# ORNSF and Septoplasty



## MBA101 (Dec 8, 2008)

My physician wants to bill 21335 and 30520 together.  Per CCI edits these two procedures are allowed to be billed together.  However, per the coding edit software with BCBS and Cigna there program bundles these two procedures.

Any suggestions?  

Thank You
Melanie


----------



## jackjones62 (Dec 29, 2008)

I am a little late with my response, but CPT 21335 includes septal repair, you will find that most carriers will not pay........there is a CCI edit and this would be considered "unbundling".

Jennifer 
ENT


----------



## myadav (Dec 29, 2008)

hi
21335-The physician makes an incision to treat a displaced nasal fracture and also repair the fractured nasal septum. Open treatment is necessary after unsatisfactory results with closed manipulation of the fractured bones and allows the physician to visualize the fractures.

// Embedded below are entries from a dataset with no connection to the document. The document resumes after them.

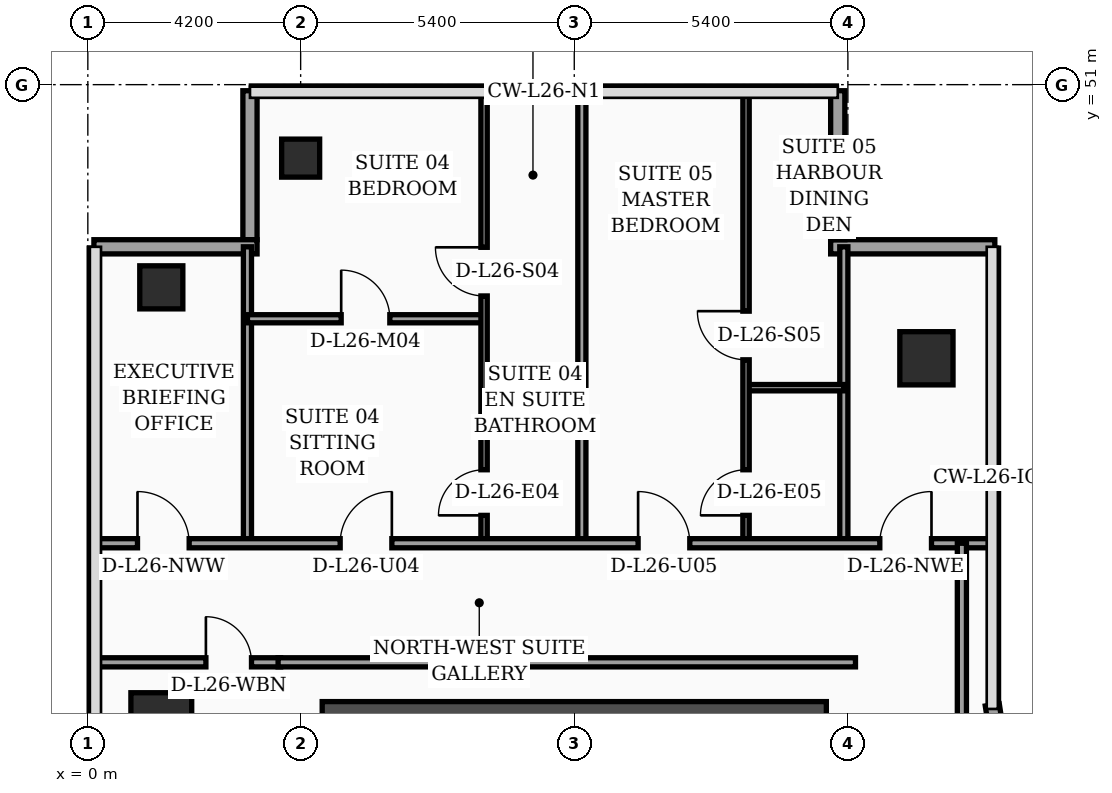
"""IFC4 building model, lengths in metres.
Left out: names, types, materials, properties, quantities, classifications, styles, units other than length and angle.
Written with IfcOpenShell. Run it as: python <this file> out.ifc"""

import sys

from ifc_helpers import new_model, si_unit, direction, frame, frame_2d, origin, origin_2d, place, context, subcontext, project, spatial, rectangle, hollow_rectangle, extrude, element, fill, save


model = new_model("IFC4")
c1 = context("Model", 3, precision=1e-05, world=origin(), true_north=direction((0.0, 1.0)))
c2 = subcontext(c1, "Body", "Model", "MODEL_VIEW")
j1 = project(units=[si_unit("LENGTHUNIT", "METRE"), si_unit("PLANEANGLEUNIT", "RADIAN")], contexts=[c1])
p1 = place(None, origin())
s1 = spatial("IfcSite", under=j1, at=p1, CompositionType="ELEMENT")
p2 = place(p1, origin())
s2 = spatial("IfcBuilding", under=s1, at=p2, CompositionType="ELEMENT")
p3 = place(p2, frame((0.0, 0.0, 108.8)))
s3 = spatial("IfcBuildingStorey", under=s2, at=p3, CompositionType="ELEMENT", Elevation=108.8)
p4 = place(p3, frame((4.625, 38.4, 0.0), z_axis=(0.0, 0.0, 1.0), x_axis=(1.0, 0.0, 0.0)))
e1 = element("IfcWall", 1, at=p4, inside=s3, PredefinedType="SHEAR", context=c2, shape_type="SweptSolid", body=[
    extrude(rectangle(XDim=9.95, YDim=0.85, at=frame_2d((4.975, 0.0))), origin(), (0.0, 0.0, 1.0), 3.56),
])
p5 = place(p3, frame((1.45, 38.4, 0.0), z_axis=(0.0, 0.0, 1.0), x_axis=(1.0, 0.0, 0.0)))
e2 = element("IfcColumn", 2, at=p5, inside=s3, PredefinedType="COLUMN", context=c2, shape_type="SweptSolid", body=[
    extrude(rectangle(XDim=1.2, YDim=1.2, at=origin_2d()), origin(), (0.0, 0.0, 1.0), 3.56),
])
p6 = place(p3, frame((1.45, 47.0, 0.0), z_axis=(0.0, 0.0, 1.0), x_axis=(1.0, 0.0, 0.0)))
e3 = element("IfcColumn", 3, at=p6, inside=s3, PredefinedType="COLUMN", context=c2, shape_type="SweptSolid", body=[
    extrude(hollow_rectangle(XDim=0.85, YDim=0.85, WallThickness=0.036, at=origin_2d()), origin(), (0.0, 0.0, 1.0), 3.56),
])
p7 = place(p3, frame((4.2, 49.55, 0.0), z_axis=(0.0, 0.0, 1.0), x_axis=(1.0, 0.0, 0.0)))
e4 = element("IfcColumn", 4, at=p7, inside=s3, PredefinedType="COLUMN", context=c2, shape_type="SweptSolid", body=[
    extrude(hollow_rectangle(XDim=0.75, YDim=0.75, WallThickness=0.032, at=origin_2d()), origin(), (0.0, 0.0, 1.0), 3.56),
])
p8 = place(p3, frame((16.55, 45.6, 0.0), z_axis=(0.0, 0.0, 1.0), x_axis=(1.0, 0.0, 0.0)))
e5 = element("IfcColumn", 5, at=p8, inside=s3, PredefinedType="COLUMN", context=c2, shape_type="SweptSolid", body=[
    extrude(rectangle(XDim=1.05, YDim=1.05, at=origin_2d()), origin(), (0.0, 0.0, 1.0), 3.56),
])
p9 = place(p3, frame((17.962, 38.03, 0.0), z_axis=(0.0, 0.0, 1.0), x_axis=(-0.15141125477, 0.988470855377, 0.0)))
e6 = element("IfcWall", 6, at=p9, inside=s3, PredefinedType="SOLIDWALL", context=c2, shape_type="SweptSolid", body=[
    extrude(rectangle(XDim=0.739, YDim=0.28, at=frame_2d((0.369, 0.0))), origin(), (0.0, 0.0, 1.0), 3.56),
])
p10 = place(p3, frame((17.9, 47.8, 0.0), z_axis=(0.0, 0.0, 1.0), x_axis=(-1.0, 0.0, 0.0)))
e7 = element("IfcWall", 7, at=p10, inside=s3, PredefinedType="SOLIDWALL", context=c2, shape_type="SweptSolid", body=[
    extrude(rectangle(XDim=3.24, YDim=0.28, at=frame_2d((1.62, 0.0))), origin(), (0.0, 0.0, 1.0), 3.56),
])
p11 = place(p3, frame((14.8, 47.94, 0.0), z_axis=(0.0, 0.0, 1.0), x_axis=(0.0, 1.0, 0.0)))
e8 = element("IfcWall", 8, at=p11, inside=s3, PredefinedType="SOLIDWALL", context=c2, shape_type="SweptSolid", body=[
    extrude(rectangle(XDim=2.94, YDim=0.28, at=frame_2d((1.47, 0.0))), origin(), (0.0, 0.0, 1.0), 3.56),
])
p12 = place(p3, frame((3.2, 50.88, 0.0), z_axis=(0.0, 0.0, 1.0), x_axis=(0.0, -1.0, 0.0)))
e9 = element("IfcWall", 9, at=p12, inside=s3, PredefinedType="SOLIDWALL", context=c2, shape_type="SweptSolid", body=[
    extrude(rectangle(XDim=2.94, YDim=0.28, at=frame_2d((1.47, 0.0))), origin(), (0.0, 0.0, 1.0), 3.04),
])
p13 = place(p3, frame((3.34, 47.8, 0.0), z_axis=(0.0, 0.0, 1.0), x_axis=(-1.0, 0.0, 0.0)))
e10 = element("IfcWall", 10, at=p13, inside=s3, PredefinedType="SOLIDWALL", context=c2, shape_type="SweptSolid", body=[
    extrude(rectangle(XDim=3.22, YDim=0.28, at=frame_2d((1.61, 0.0))), origin(), (0.0, 0.0, 1.0), 3.04),
])
p14 = place(p3, frame((0.08, 39.6, 0.0), z_axis=(0.0, 0.0, 1.0), x_axis=(1.0, 0.0, 0.0)))
e11 = element("IfcWall", 11, at=p14, inside=s3, PredefinedType="PARTITIONING", context=c2, shape_type="SweptSolid", body=[
    extrude(rectangle(XDim=3.725, YDim=0.18, at=frame_2d((1.862, 0.0))), origin(), (0.0, 0.0, 1.0), 2.84),
])
p15 = place(p14, frame((2.25, 0.0, 0.0)))
e12 = element("IfcOpeningElement", 12, at=p15, cuts=e11, PredefinedType="OPENING", context=c2, shape_type="SweptSolid", body=[
    extrude(rectangle(XDim=0.9, YDim=2.15, at=frame_2d((0.45, 1.075))), frame((0.0, 0.1, 0.0), z_axis=(0.0, -1.0, 0.0), x_axis=(1.0, 0.0, 0.0)), (0.0, 0.0, 1.0), 0.2),
])
p16 = place(p3, frame((3.15, 41.95, 0.0), z_axis=(0.0, 0.0, 1.0), x_axis=(0.0, 1.0, 0.0)))
e13 = element("IfcWall", 13, at=p16, inside=s3, PredefinedType="PARTITIONING", context=c2, shape_type="SweptSolid", body=[
    extrude(rectangle(XDim=5.85, YDim=0.16, at=frame_2d((2.925, 0.0))), origin(), (0.0, 0.0, 1.0), 3.14),
])
p17 = place(p3, frame((14.92, 41.95, 0.0), z_axis=(0.0, 0.0, 1.0), x_axis=(0.0, 1.0, 0.0)))
e14 = element("IfcWall", 14, at=p17, inside=s3, PredefinedType="PARTITIONING", context=c2, shape_type="SweptSolid", body=[
    extrude(rectangle(XDim=5.85, YDim=0.16, at=frame_2d((2.925, 0.0))), origin(), (0.0, 0.0, 1.0), 3.04),
])
p18 = place(p3, frame((7.82, 45.02, 0.0), z_axis=(0.0, 0.0, 1.0), x_axis=(1.0, 0.0, 0.0)))
e15 = element("IfcWall", 15, at=p18, inside=s3, PredefinedType="PARTITIONING", context=c2, shape_type="SweptSolid", body=[
    extrude(rectangle(XDim=1.93, YDim=0.125, at=frame_2d((0.965, 0.0))), origin(), (0.0, 0.0, 1.0), 3.56),
])
p19 = place(p3, frame((3.15, 46.38, 0.0), z_axis=(0.0, 0.0, 1.0), x_axis=(1.0, 0.0, 0.0)))
e16 = element("IfcWall", 16, at=p19, inside=s3, PredefinedType="PARTITIONING", context=c2, shape_type="SweptSolid", body=[
    extrude(rectangle(XDim=4.67, YDim=0.16, at=frame_2d((2.335, 0.0))), origin(), (0.0, 0.0, 1.0), 2.84),
])
p20 = place(p19, frame((1.85, 0.0, 0.0)))
e17 = element("IfcOpeningElement", 17, at=p20, cuts=e16, PredefinedType="OPENING", context=c2, shape_type="SweptSolid", body=[
    extrude(rectangle(XDim=0.96, YDim=2.2, at=frame_2d((0.48, 1.1))), frame((0.0, 0.09, 0.0), z_axis=(0.0, -1.0, 0.0), x_axis=(1.0, 0.0, 0.0)), (0.0, 0.0, 1.0), 0.18),
])
p21 = place(p3, frame((7.82, 41.95, 0.0), z_axis=(0.0, 0.0, 1.0), x_axis=(0.0, 1.0, 0.0)))
e18 = element("IfcWall", 18, at=p21, inside=s3, PredefinedType="PARTITIONING", context=c2, shape_type="SweptSolid", body=[
    extrude(rectangle(XDim=8.99, YDim=0.125, at=frame_2d((4.495, 0.0))), origin(), (0.0, 0.0, 1.0), 3.04),
])
p22 = place(p21, frame((0.55, 0.0, 0.0)))
e19 = element("IfcOpeningElement", 19, at=p22, cuts=e18, PredefinedType="OPENING", context=c2, shape_type="SweptSolid", body=[
    extrude(rectangle(XDim=0.9, YDim=2.15, at=frame_2d((0.45, 1.075))), frame((0.0, 0.073, 0.0), z_axis=(0.0, -1.0, 0.0), x_axis=(1.0, 0.0, 0.0)), (0.0, 0.0, 1.0), 0.145),
])
p23 = place(p21, frame((4.88, 0.0, 0.0)))
e20 = element("IfcOpeningElement", 20, at=p23, cuts=e18, PredefinedType="OPENING", context=c2, shape_type="SweptSolid", body=[
    extrude(rectangle(XDim=0.96, YDim=2.2, at=frame_2d((0.48, 1.1))), frame((0.0, 0.073, 0.0), z_axis=(0.0, -1.0, 0.0), x_axis=(1.0, 0.0, 0.0)), (0.0, 0.0, 1.0), 0.145),
])
p24 = place(p3, frame((12.99, 45.02, 0.0), z_axis=(0.0, 0.0, 1.0), x_axis=(1.0, 0.0, 0.0)))
e21 = element("IfcWall", 21, at=p24, inside=s3, PredefinedType="PARTITIONING", context=c2, shape_type="SweptSolid", body=[
    extrude(rectangle(XDim=1.93, YDim=0.125, at=frame_2d((0.965, 0.0))), origin(), (0.0, 0.0, 1.0), 3.56),
])
p25 = place(p3, frame((12.99, 41.95, 0.0), z_axis=(0.0, 0.0, 1.0), x_axis=(0.0, 1.0, 0.0)))
e22 = element("IfcWall", 22, at=p25, inside=s3, PredefinedType="PARTITIONING", context=c2, shape_type="SweptSolid", body=[
    extrude(rectangle(XDim=8.99, YDim=0.125, at=frame_2d((4.495, 0.0))), origin(), (0.0, 0.0, 1.0), 3.04),
])
p26 = place(p25, frame((0.55, 0.0, 0.0)))
e23 = element("IfcOpeningElement", 23, at=p26, cuts=e22, PredefinedType="OPENING", context=c2, shape_type="SweptSolid", body=[
    extrude(rectangle(XDim=0.9, YDim=2.15, at=frame_2d((0.45, 1.075))), frame((0.0, 0.073, 0.0), z_axis=(0.0, -1.0, 0.0), x_axis=(1.0, 0.0, 0.0)), (0.0, 0.0, 1.0), 0.145),
])
p27 = place(p25, frame((3.62, 0.0, 0.0)))
e24 = element("IfcOpeningElement", 24, at=p27, cuts=e22, PredefinedType="OPENING", context=c2, shape_type="SweptSolid", body=[
    extrude(rectangle(XDim=0.96, YDim=2.2, at=frame_2d((0.48, 1.1))), frame((0.0, 0.073, 0.0), z_axis=(0.0, -1.0, 0.0), x_axis=(1.0, 0.0, 0.0)), (0.0, 0.0, 1.0), 0.145),
])
p28 = place(p3, frame((9.75, 41.95, 0.0), z_axis=(0.0, 0.0, 1.0), x_axis=(0.0, 1.0, 0.0)))
e25 = element("IfcWall", 25, at=p28, inside=s3, PredefinedType="PARTITIONING", context=c2, shape_type="SweptSolid", body=[
    extrude(rectangle(XDim=8.99, YDim=0.16, at=frame_2d((4.495, 0.0))), origin(), (0.0, 0.0, 1.0), 3.04),
])
p29 = place(p3, frame((0.08, 41.95, 0.0), z_axis=(0.0, 0.0, 1.0), x_axis=(1.0, 0.0, 0.0)))
e26 = element("IfcWall", 26, at=p29, inside=s3, PredefinedType="PARTITIONING", context=c2, shape_type="SweptSolid", body=[
    extrude(rectangle(XDim=17.77, YDim=0.18, at=frame_2d((8.885, 0.0))), origin(), (0.0, 0.0, 1.0), 2.84),
])
p30 = place(p29, frame((0.9, 0.0, 0.0)))
e27 = element("IfcOpeningElement", 27, at=p30, cuts=e26, PredefinedType="OPENING", context=c2, shape_type="SweptSolid", body=[
    extrude(rectangle(XDim=1.02, YDim=2.2, at=frame_2d((0.51, 1.1))), frame((0.0, 0.1, 0.0), z_axis=(0.0, -1.0, 0.0), x_axis=(1.0, 0.0, 0.0)), (0.0, 0.0, 1.0), 0.2),
])
p31 = place(p29, frame((4.9, 0.0, 0.0)))
e28 = element("IfcOpeningElement", 28, at=p31, cuts=e26, PredefinedType="OPENING", context=c2, shape_type="SweptSolid", body=[
    extrude(rectangle(XDim=1.02, YDim=2.2, at=frame_2d((0.51, 1.1))), frame((0.0, 0.1, 0.0), z_axis=(0.0, -1.0, 0.0), x_axis=(1.0, 0.0, 0.0)), (0.0, 0.0, 1.0), 0.2),
])
p32 = place(p29, frame((10.78, 0.0, 0.0)))
e29 = element("IfcOpeningElement", 29, at=p32, cuts=e26, PredefinedType="OPENING", context=c2, shape_type="SweptSolid", body=[
    extrude(rectangle(XDim=1.02, YDim=2.2, at=frame_2d((0.51, 1.1))), frame((0.0, 0.1, 0.0), z_axis=(0.0, -1.0, 0.0), x_axis=(1.0, 0.0, 0.0)), (0.0, 0.0, 1.0), 0.2),
])
p33 = place(p29, frame((15.55, 0.0, 0.0)))
e30 = element("IfcOpeningElement", 30, at=p33, cuts=e26, PredefinedType="OPENING", context=c2, shape_type="SweptSolid", body=[
    extrude(rectangle(XDim=1.02, YDim=2.2, at=frame_2d((0.51, 1.1))), frame((0.0, 0.1, 0.0), z_axis=(0.0, -1.0, 0.0), x_axis=(1.0, 0.0, 0.0)), (0.0, 0.0, 1.0), 0.2),
])
p34 = place(p3, frame((17.25, 24.3, 0.0), z_axis=(0.0, 0.0, 1.0), x_axis=(0.0, 1.0, 0.0)))
e31 = element("IfcWall", 31, at=p34, inside=s3, PredefinedType="PARTITIONING", context=c2, shape_type="SweptSolid", body=[
    extrude(rectangle(XDim=17.65, YDim=0.18, at=frame_2d((8.825, 0.0))), origin(), (0.0, 0.0, 1.0), 2.84),
])
p35 = place(p3, frame((3.755, 39.6, 0.0), z_axis=(0.0, 0.0, 1.0), x_axis=(1.0, 0.0, 0.0)))
e32 = element("IfcWall", 32, at=p35, inside=s3, PredefinedType="PARTITIONING", context=c2, shape_type="SweptSolid", body=[
    extrude(rectangle(XDim=11.395, YDim=0.18, at=frame_2d((5.698, 0.0))), origin(), (0.0, 0.0, 1.0), 2.84),
])
p36 = place(p15, origin())
e33 = element("IfcDoor", 33, at=p36, inside=s3, OperationType="SINGLE_SWING_LEFT", PredefinedType="DOOR", context=c2, shape_type="SweptSolid", body=[
    extrude(rectangle(XDim=0.9, YDim=2.15, at=frame_2d((0.45, 1.075))), frame((0.0, 0.025, 0.0), z_axis=(0.0, -1.0, 0.0), x_axis=(1.0, 0.0, 0.0)), (0.0, 0.0, 1.0), 0.05),
])
fill(e12, e33)
p37 = place(p20, origin())
e34 = element("IfcDoor", 34, at=p37, inside=s3, OperationType="SINGLE_SWING_LEFT", PredefinedType="DOOR", context=c2, shape_type="SweptSolid", body=[
    extrude(rectangle(XDim=0.96, YDim=2.2, at=frame_2d((0.48, 1.1))), frame((0.0, 0.025, 0.0), z_axis=(0.0, -1.0, 0.0), x_axis=(1.0, 0.0, 0.0)), (0.0, 0.0, 1.0), 0.05),
])
fill(e17, e34)
p38 = place(p22, origin())
e35 = element("IfcDoor", 35, at=p38, inside=s3, OperationType="SINGLE_SWING_LEFT", PredefinedType="DOOR", context=c2, shape_type="SweptSolid", body=[
    extrude(rectangle(XDim=0.9, YDim=2.15, at=frame_2d((0.45, 1.075))), frame((0.0, 0.025, 0.0), z_axis=(0.0, -1.0, 0.0), x_axis=(1.0, 0.0, 0.0)), (0.0, 0.0, 1.0), 0.05),
])
fill(e19, e35)
p39 = place(p23, origin())
e36 = element("IfcDoor", 36, at=p39, inside=s3, OperationType="SINGLE_SWING_RIGHT", PredefinedType="DOOR", context=c2, shape_type="SweptSolid", body=[
    extrude(rectangle(XDim=0.96, YDim=2.2, at=frame_2d((0.48, 1.1))), frame((0.0, 0.025, 0.0), z_axis=(0.0, -1.0, 0.0), x_axis=(1.0, 0.0, 0.0)), (0.0, 0.0, 1.0), 0.05),
])
fill(e20, e36)
p40 = place(p26, origin())
e37 = element("IfcDoor", 37, at=p40, inside=s3, OperationType="SINGLE_SWING_LEFT", PredefinedType="DOOR", context=c2, shape_type="SweptSolid", body=[
    extrude(rectangle(XDim=0.9, YDim=2.15, at=frame_2d((0.45, 1.075))), frame((0.0, 0.025, 0.0), z_axis=(0.0, -1.0, 0.0), x_axis=(1.0, 0.0, 0.0)), (0.0, 0.0, 1.0), 0.05),
])
fill(e23, e37)
p41 = place(p27, origin())
e38 = element("IfcDoor", 38, at=p41, inside=s3, OperationType="SINGLE_SWING_RIGHT", PredefinedType="DOOR", context=c2, shape_type="SweptSolid", body=[
    extrude(rectangle(XDim=0.96, YDim=2.2, at=frame_2d((0.48, 1.1))), frame((0.0, 0.025, 0.0), z_axis=(0.0, -1.0, 0.0), x_axis=(1.0, 0.0, 0.0)), (0.0, 0.0, 1.0), 0.05),
])
fill(e24, e38)
p42 = place(p30, origin())
e39 = element("IfcDoor", 39, at=p42, inside=s3, OperationType="SINGLE_SWING_LEFT", PredefinedType="DOOR", context=c2, shape_type="SweptSolid", body=[
    extrude(rectangle(XDim=1.02, YDim=2.2, at=frame_2d((0.51, 1.1))), frame((0.0, 0.025, 0.0), z_axis=(0.0, -1.0, 0.0), x_axis=(1.0, 0.0, 0.0)), (0.0, 0.0, 1.0), 0.05),
])
fill(e27, e39)
p43 = place(p31, origin())
e40 = element("IfcDoor", 40, at=p43, inside=s3, OperationType="SINGLE_SWING_RIGHT", PredefinedType="DOOR", context=c2, shape_type="SweptSolid", body=[
    extrude(rectangle(XDim=1.02, YDim=2.2, at=frame_2d((0.51, 1.1))), frame((0.0, 0.025, 0.0), z_axis=(0.0, -1.0, 0.0), x_axis=(1.0, 0.0, 0.0)), (0.0, 0.0, 1.0), 0.05),
])
fill(e28, e40)
p44 = place(p32, origin())
e41 = element("IfcDoor", 41, at=p44, inside=s3, OperationType="SINGLE_SWING_LEFT", PredefinedType="DOOR", context=c2, shape_type="SweptSolid", body=[
    extrude(rectangle(XDim=1.02, YDim=2.2, at=frame_2d((0.51, 1.1))), frame((0.0, 0.025, 0.0), z_axis=(0.0, -1.0, 0.0), x_axis=(1.0, 0.0, 0.0)), (0.0, 0.0, 1.0), 0.05),
])
fill(e29, e41)
p45 = place(p33, origin())
e42 = element("IfcDoor", 42, at=p45, inside=s3, OperationType="SINGLE_SWING_RIGHT", PredefinedType="DOOR", context=c2, shape_type="SweptSolid", body=[
    extrude(rectangle(XDim=1.02, YDim=2.2, at=frame_2d((0.51, 1.1))), frame((0.0, 0.025, 0.0), z_axis=(0.0, -1.0, 0.0), x_axis=(1.0, 0.0, 0.0)), (0.0, 0.0, 1.0), 0.05),
])
fill(e30, e42)
save(model, sys.argv[1])

Lacerations overlying the fractures may allow direct visualization. Incisions may be made inside the nose to expose the nasal septum and portions of the nasal bones. Additionally, bicoronal and other local skin incisions may be used to expose the fractured nasal bones. The nasal septum is exposed and portions of the fractured cartilaginous and bony septum are removed. The physician realigns the nasal bones using nasal elevators and forceps. Transseptal sutures are placed to prevent formation of a septal hematoma. Intranasal incisions are closed in a single layer. Lacerations and other skin incisions are repaired with layered closure. After the bones are realigned, they remain slightly mobile and require additional stabilization with splints. External splinting may consist of a cast taped to the reduced nose. Internal splinting consists of supporting the nasal septum by splints or packing with gauze strips.

30520 is bundled in 21335,,it should not be billed separately with 21335.

MYadav, CPC


----------